I did a Wisdom Panel on him and got back these results: 75% American Staffordshire Terrier - 25% Mixed Breed (at first they said 25% Havanese and I contacted them to say, um, what? So, they took that back as computer false positive). Said to think of him as 75% AmStaff with a small influence from the Ancient Group. One parent shows purebred AmStaff. The other has parent as 1/2 AmStaff, 1/2 Mixed. They said the mixed portion is mixed beyond the 3 generations so they do not know the breeds, but they provided me groups the breeds would be in. Toy Group showing strongest threshold still, then the Sporting Group and Guard Group at lower percentages. His sister looks Staffordshire Bull Terrier which is guard group. I could guess that. Sporting, don't know. He leaps huge leaps into the air when he runs and short ones when he's running small distances - all fours in the air big pouncing leaps.

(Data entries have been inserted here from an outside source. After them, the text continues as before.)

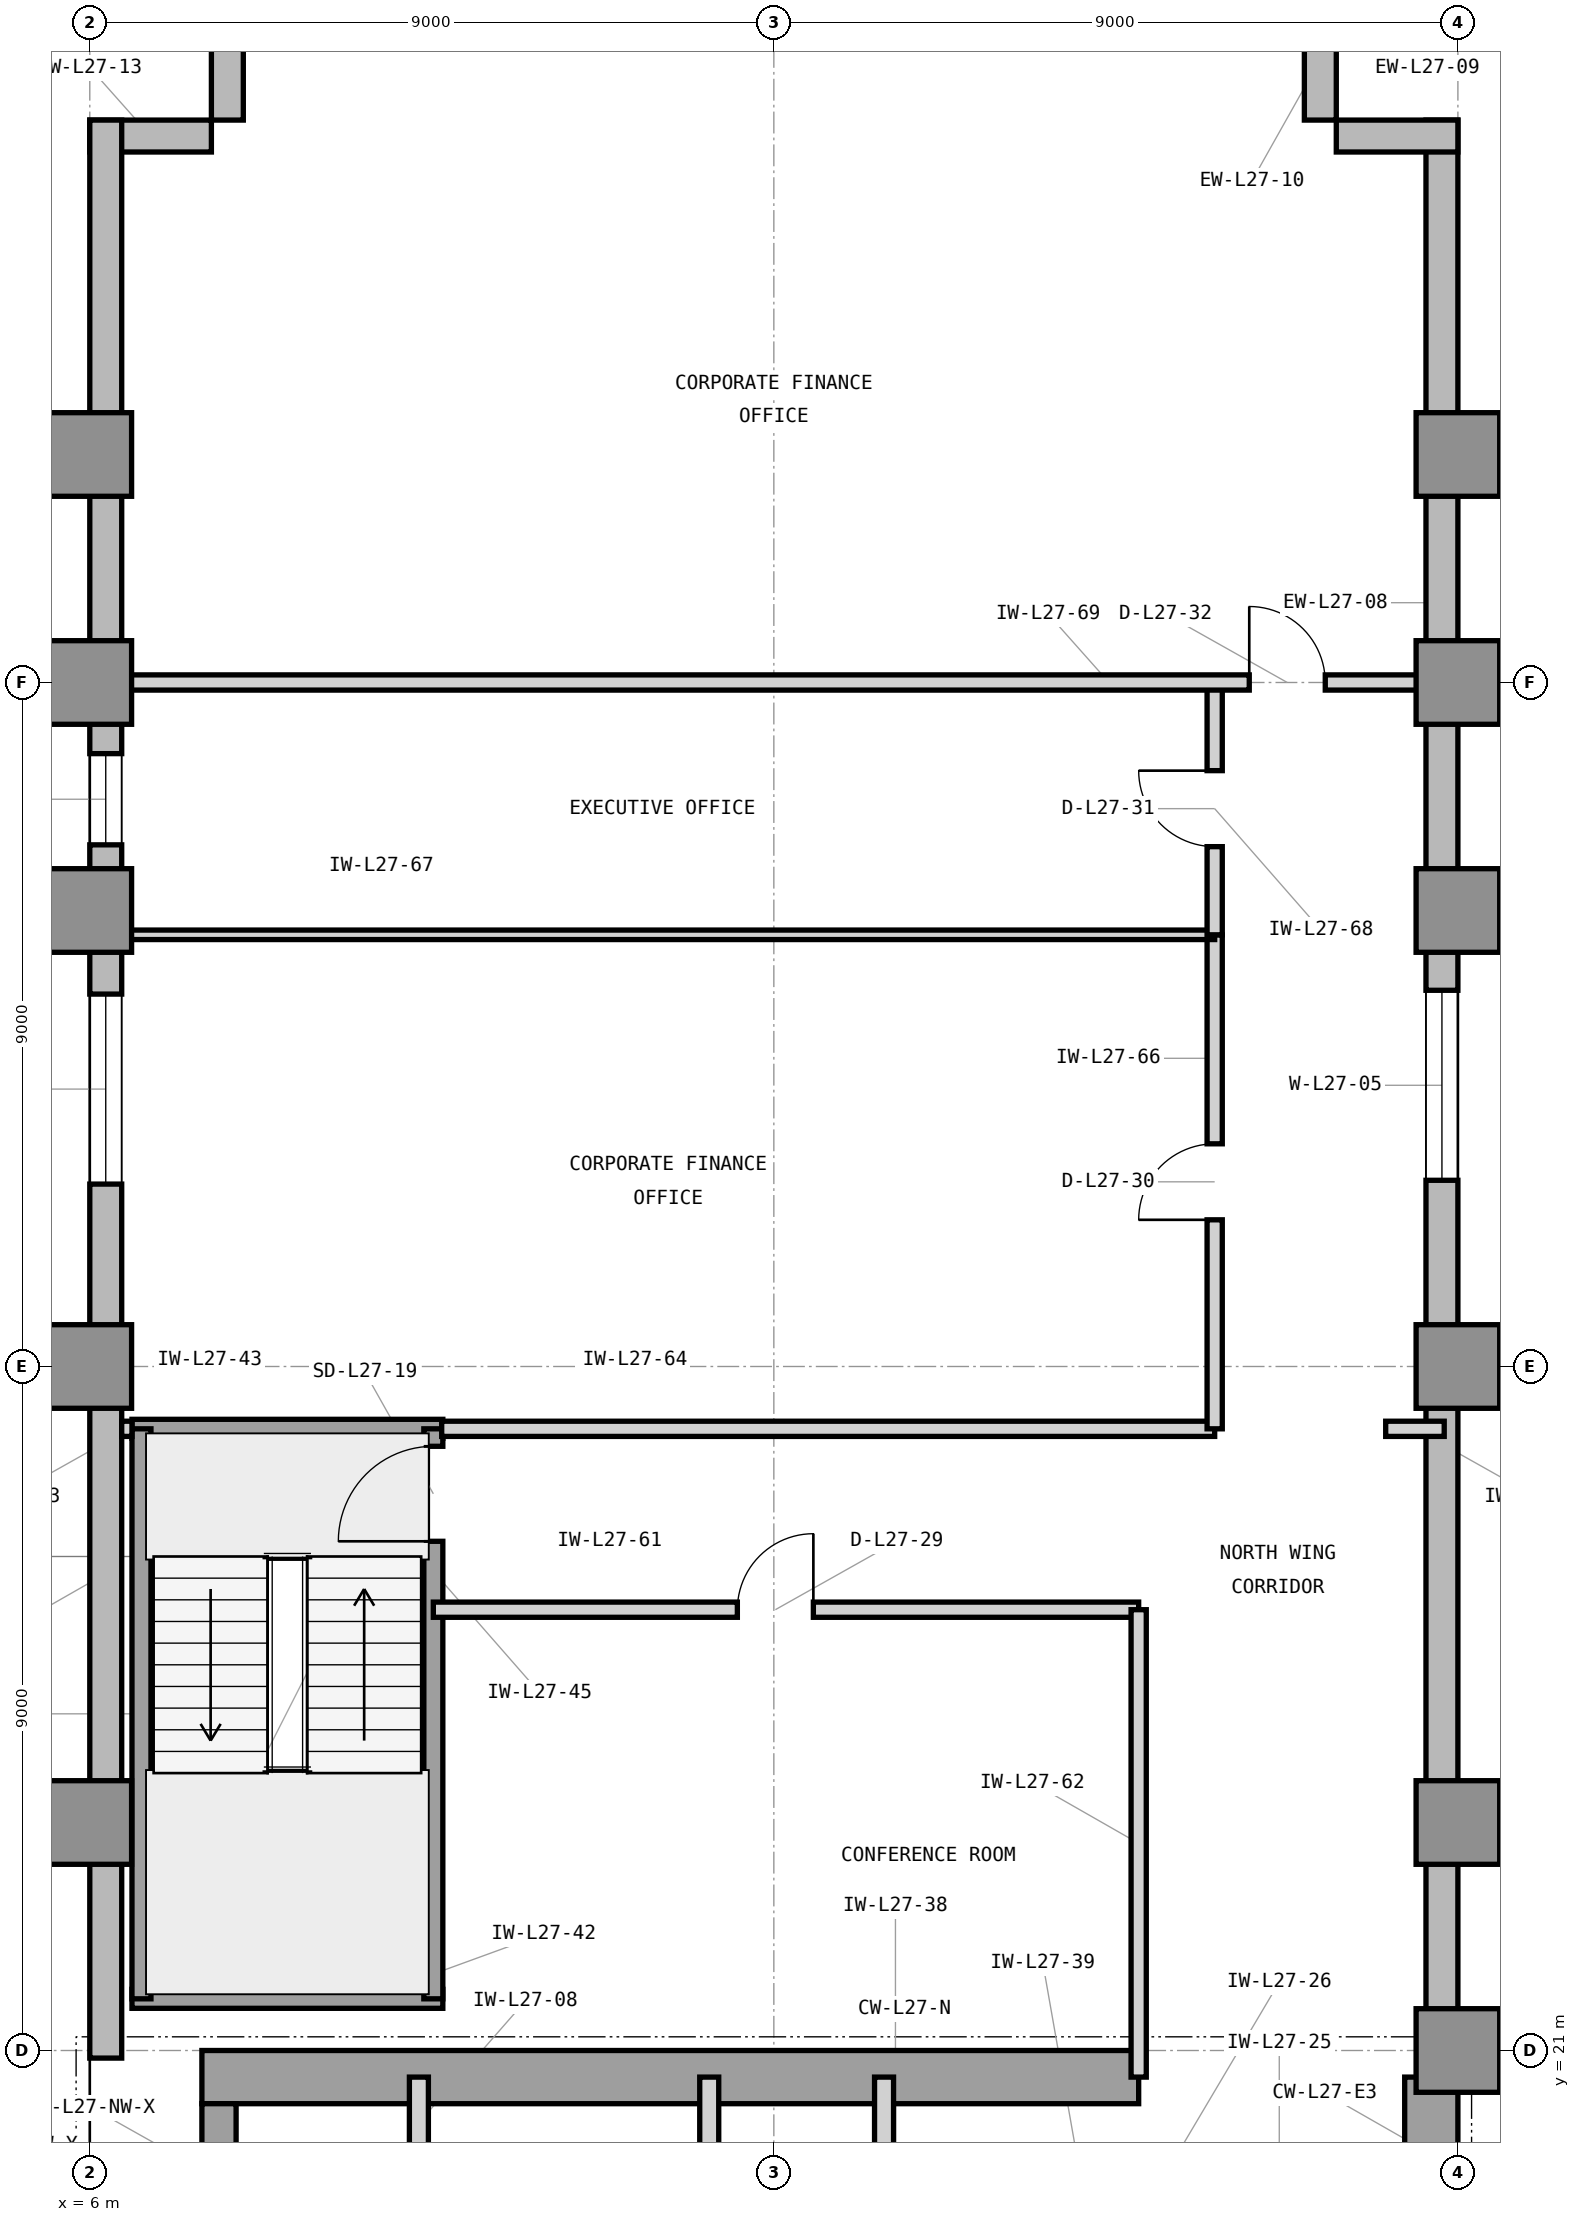
"""IFC4 building model, lengths in metres.
Left out: names, types, materials, properties, quantities, classifications, styles, units other than length and angle.
Written with IfcOpenShell. Run it as: python <this file> out.ifc"""

import sys

from ifc_helpers import new_model, si_unit, direction, frame, frame_2d, origin, origin_2d, place, context, subcontext, project, spatial, rectangle, extrude, element, fill, save


model = new_model("IFC4")
c1 = context("Model", 3, precision=1e-05, world=origin(), true_north=direction((0.0, 1.0)))
c2 = subcontext(c1, "Body", "Model", "MODEL_VIEW")
j1 = project(units=[si_unit("LENGTHUNIT", "METRE"), si_unit("PLANEANGLEUNIT", "RADIAN")], contexts=[c1])
p1 = place(None, origin())
s1 = spatial("IfcSite", under=j1, at=p1, CompositionType="ELEMENT")
p2 = place(p1, origin())
s2 = spatial("IfcBuilding", under=s1, at=p2, CompositionType="ELEMENT")
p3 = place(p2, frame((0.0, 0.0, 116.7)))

Never seen a dog do this, but seen someone else was saying their dog did on this forum. He also trees. So... don't know. They feel the ancient breed is coming from the toy group. I'm at a loss there. Someone suggested to me the Patterdale Terrier because it is small and some have markings as my dog does. They also have slanted eyes like the Staffordshire Bull Terrier. His sister has the slanted eyes and she is very, very tiny. I've attached some newer photos of him. He's looking good now, all healthy.


----------



## hookilau

omg. 
Whatever the breed...those eyes just peer into my soul with the intensive heat of a thousand suns.
Me likey =D

That silly dance you caught there in the 3rd pic is absolutely priceless!!!


----------



## Kayota

I see Shar Pei in there somewhere,


----------



## tom42

I would agree. The first photo, definitely Pit bull face, the last photo, looks like GSD stance. But,I'm no expert.


----------



## BellaPup

Don't know if the OP is still around, but have to say: I. Love. This. Pic. This is soooooo "silly bully" it's not even funny. Okay, it's very funny. :becky: 

He has gorgeous coloring.


----------